Here's the code the HLA compiler emits:
L3_nostk__hla_ proc near32
mov eax, dword ptr [esp+16] ;/* par1 */
mov ecx, dword ptr [esp+12] ;/* para2 */
mov edx, dword ptr [esp+8] ;/* para3 */
mov ebx, dword ptr [esp+4] ;/* para4 */
ret 16
xL3_nostk__hla___hla_:
L3_nostk__hla_ endp
If you really need to use the stdcall calling sequence with HLA without building a stack frame, you can use equates, just as you do with MASM, e.g.,
procedure nostk2( _par1:dword; _para2:dword; _para3:dword; _para4:dword );
@nodisplay;
@noframe;
const
par1 :text := "(type dword [esp+4])";
para2 :text := "(type dword [esp+8])";
para3 :text := "(type dword [esp+12])";
para4 :text := "(type dword [esp+16])";
begin nostk2;
mov( par1, eax );
mov( para2, ecx );
mov( para3, edx );
mov( para4, ebx );
ret( _parms_ );
end nostk2;
-- Output from HLA compiler:
L4_nostk2__hla_ proc near32
mov eax, dword ptr [esp+4] ;/* (type dword [esp+4]) */
mov ecx, dword ptr [esp+8] ;/* (type dword [esp+8]) */
mov edx, dword ptr [esp+12] ;/* (type dword [esp+12]) */
mov ebx, dword ptr [esp+16] ;/* (type dword [esp+16]) */
ret 16
xL4_nostk2__hla___hla_:
L4_nostk2__hla_ endp
Further notes on the stack
For one that seriously did mess around with the stack, he/she will realise that somehow windows will mysteriously terminate the program or perhaps having a weird GPF(general protection fault), all these depending on the variants of Windows.

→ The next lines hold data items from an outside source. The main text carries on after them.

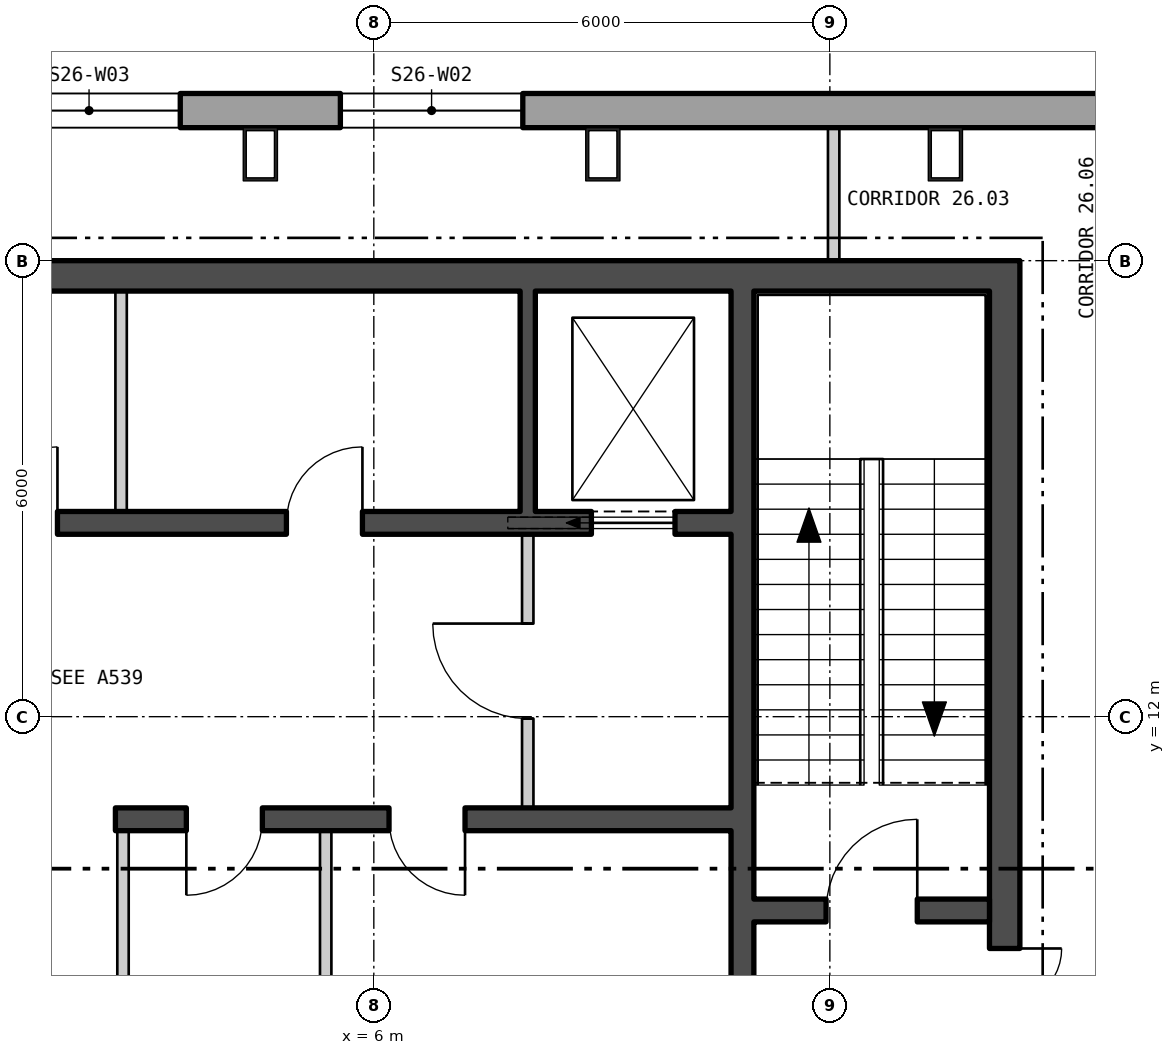
"""IFC4 building model, lengths in metres.
Left out: names, types, materials, properties, quantities, classifications, styles, units other than length and angle.
Written with IfcOpenShell. Run it as: python <this file> out.ifc"""

import sys

from ifc_helpers import new_model, si_unit, direction, frame, frame_2d, origin, origin_2d, place, context, subcontext, project, spatial, polyline, rectangle, hollow_rectangle, outline, extrude, element, fill, save


model = new_model("IFC4")
c1 = context("Model", 3, precision=1e-05, world=origin(), true_north=direction((0.0, 1.0)))
c2 = subcontext(c1, "Body", "Model", "MODEL_VIEW")
j1 = project(units=[si_unit("LENGTHUNIT", "METRE"), si_unit("PLANEANGLEUNIT", "RADIAN")], contexts=[c1])
p1 = place(None, origin())
s1 = spatial("IfcSite", under=j1, at=p1, CompositionType="ELEMENT")
p2 = place(p1, origin())
s2 = spatial("IfcBuilding", under=s1, at=p2, CompositionType="ELEMENT")
p3 = place(p2, frame((0.0, 0.0, 329.4)))
s3 = spatial("IfcBuildingStorey", under=s2, at=p3, CompositionType="ELEMENT", Elevation=329.4)
for number, where, z_axis, x_axis in (
    (1, (13.52, 19.4, 0.0), (0.0, 0.0, 1.0), (-1.0, 0.0, 0.0)),
    (2, (9.013, 19.4, 0.0), (0.0, 0.0, 1.0), (-1.0, 0.0, 0.0)),
    (3, (4.507, 19.4, 0.0), (0.0, 0.0, 1.0), (-1.0, 0.0, 0.0)),
):
    element("IfcColumn", number, at=place(p3, frame(where, z_axis=z_axis, x_axis=x_axis)), inside=s3, PredefinedType="COLUMN", context=c2, shape_type="SweptSolid", body=[
        extrude(hollow_rectangle(XDim=0.45, YDim=0.7, WallThickness=0.04, at=origin_2d()), origin(), (0.0, 0.0, 1.0), 4.2),
    ])
p4 = place(p3, frame((22.865, 19.975, -0.4), z_axis=(0.0, 0.0, 1.0), x_axis=(-1.0, 0.0, 0.0)))
e4 = element("IfcWall", 4, at=p4, inside=s3, PredefinedType="SOLIDWALL", context=c2, shape_type="SweptSolid", body=[
    extrude(outline(polyline([(-0.13, -0.225), (45.86, -0.225), (45.6, 0.225), (0.13, 0.225), (-0.13, -0.225)])), origin(), (0.0, 0.0, 1.0), 4.2),
])
p5 = place(p4, frame((1.424, 0.0, 1.3)))
e5 = element("IfcOpeningElement", 5, at=p5, cuts=e4, PredefinedType="OPENING", context=c2, shape_type="SweptSolid", body=[
    extrude(rectangle(XDim=2.4, YDim=2.3, at=frame_2d((1.2, 1.15))), frame((0.0, 0.235, 0.0), z_axis=(0.0, -1.0, 0.0), x_axis=(1.0, 0.0, 0.0)), (0.0, 0.0, 1.0), 0.47),
])
p6 = place(p4, frame((14.905, 0.0, 1.3)))
e6 = element("IfcOpeningElement", 6, at=p6, cuts=e4, PredefinedType="OPENING", context=c2, shape_type="SweptSolid", body=[
    extrude(rectangle(XDim=2.4, YDim=2.3, at=frame_2d((1.2, 1.15))), frame((0.0, 0.235, 0.0), z_axis=(0.0, -1.0, 0.0), x_axis=(1.0, 0.0, 0.0)), (0.0, 0.0, 1.0), 0.47),
])
p7 = place(p4, frame((19.412, 0.0, 1.3)))
e7 = element("IfcOpeningElement", 7, at=p7, cuts=e4, PredefinedType="OPENING", context=c2, shape_type="SweptSolid", body=[
    extrude(rectangle(XDim=2.4, YDim=2.3, at=frame_2d((1.2, 1.15))), frame((0.0, 0.235, 0.0), z_axis=(0.0, -1.0, 0.0), x_axis=(1.0, 0.0, 0.0)), (0.0, 0.0, 1.0), 0.47),
])
p8 = place(p4, frame((23.918, 0.0, 1.3)))
e8 = element("IfcOpeningElement", 8, at=p8, cuts=e4, PredefinedType="OPENING", context=c2, shape_type="SweptSolid", body=[
    extrude(rectangle(XDim=2.4, YDim=2.3, at=frame_2d((1.2, 1.15))), frame((0.0, 0.235, 0.0), z_axis=(0.0, -1.0, 0.0), x_axis=(1.0, 0.0, 0.0)), (0.0, 0.0, 1.0), 0.47),
])
p9 = place(p4, frame((28.425, 0.0, 1.3)))
e9 = element("IfcOpeningElement", 9, at=p9, cuts=e4, PredefinedType="OPENING", context=c2, shape_type="SweptSolid", body=[
    extrude(rectangle(XDim=2.4, YDim=2.3, at=frame_2d((1.2, 1.15))), frame((0.0, 0.235, 0.0), z_axis=(0.0, -1.0, 0.0), x_axis=(1.0, 0.0, 0.0)), (0.0, 0.0, 1.0), 0.47),
])
p10 = place(p4, frame((32.932, 0.0, 1.3)))
e10 = element("IfcOpeningElement", 10, at=p10, cuts=e4, PredefinedType="OPENING", context=c2, shape_type="SweptSolid", body=[
    extrude(rectangle(XDim=2.4, YDim=2.3, at=frame_2d((1.2, 1.15))), frame((0.0, 0.235, 0.0), z_axis=(0.0, -1.0, 0.0), x_axis=(1.0, 0.0, 0.0)), (0.0, 0.0, 1.0), 0.47),
])
p11 = place(p4, frame((41.907, 0.0, 1.3)))
e11 = element("IfcOpeningElement", 11, at=p11, cuts=e4, PredefinedType="OPENING", context=c2, shape_type="SweptSolid", body=[
    extrude(rectangle(XDim=2.4, YDim=2.3, at=frame_2d((1.2, 1.15))), frame((0.0, 0.235, 0.0), z_axis=(0.0, -1.0, 0.0), x_axis=(1.0, 0.0, 0.0)), (0.0, 0.0, 1.0), 0.47),
])
p12 = place(p3, frame((1.9, -22.92, -0.18), z_axis=(0.0, 0.0, 1.0), x_axis=(0.500000141277, 0.866025322218, 0.0)))
e12 = element("IfcWall", 12, at=p12, inside=s3, PredefinedType="SOLIDWALL", context=c2, shape_type="SweptSolid", body=[
    extrude(outline(polyline([(-0.13, -0.225), (45.86, -0.225), (45.6, 0.225), (0.13, 0.225), (-0.13, -0.225)])), origin(), (0.0, 0.0, 1.0), 3.98),
])
p13 = place(p12, frame((1.424, 0.0, 1.08)))
e13 = element("IfcOpeningElement", 13, at=p13, cuts=e12, PredefinedType="OPENING", context=c2, shape_type="SweptSolid", body=[
    extrude(rectangle(XDim=2.4, YDim=2.3, at=frame_2d((1.2, 1.15))), frame((0.0, 0.235, 0.0), z_axis=(0.0, -1.0, 0.0), x_axis=(1.0, 0.0, 0.0)), (0.0, 0.0, 1.0), 0.47),
])
p14 = place(p12, frame((5.892, 0.0, 1.08)))
e14 = element("IfcOpeningElement", 14, at=p14, cuts=e12, PredefinedType="OPENING", context=c2, shape_type="SweptSolid", body=[
    extrude(rectangle(XDim=2.4, YDim=2.3, at=frame_2d((1.2, 1.15))), frame((0.0, 0.235, 0.0), z_axis=(0.0, -1.0, 0.0), x_axis=(1.0, 0.0, 0.0)), (0.0, 0.0, 1.0), 0.47),
])
p15 = place(p12, frame((14.905, 0.0, 1.08)))
e15 = element("IfcOpeningElement", 15, at=p15, cuts=e12, PredefinedType="OPENING", context=c2, shape_type="SweptSolid", body=[
    extrude(rectangle(XDim=2.4, YDim=2.3, at=frame_2d((1.2, 1.15))), frame((0.0, 0.235, 0.0), z_axis=(0.0, -1.0, 0.0), x_axis=(1.0, 0.0, 0.0)), (0.0, 0.0, 1.0), 0.47),
])
p16 = place(p12, frame((19.412, 0.0, 1.08)))
e16 = element("IfcOpeningElement", 16, at=p16, cuts=e12, PredefinedType="OPENING", context=c2, shape_type="SweptSolid", body=[
    extrude(rectangle(XDim=2.4, YDim=2.3, at=frame_2d((1.2, 1.15))), frame((0.0, 0.235, 0.0), z_axis=(0.0, -1.0, 0.0), x_axis=(1.0, 0.0, 0.0)), (0.0, 0.0, 1.0), 0.47),
])
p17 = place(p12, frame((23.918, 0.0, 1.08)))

So what is the limiting fact, one would ask. Let me tell you, the stack is bounded by 2 things, namely the lower stack boundary and the upper stack boundary. The lower stack boundary is located at fs:[8] and the upper stack boundary at fs:[4]. fs:[4] and fs:[8] will make sure that when you enter some part of the kernel(that checks ESP against fs:[4] and fs:[8]) the OS won't kill your program.
For example
mov dword ptr fs:[4], ffffffffh mov dword ptr fs:[8], 0The above example allows the stack to be located on any memory location as long as the memory is committed and accessible. In short you can create your stack. I would strongly suggest that the values in fs:[4] and fs:[8] is restored on the exit of you program. It is only a few instruction and hopefully it does ensure compatibility across the different OS.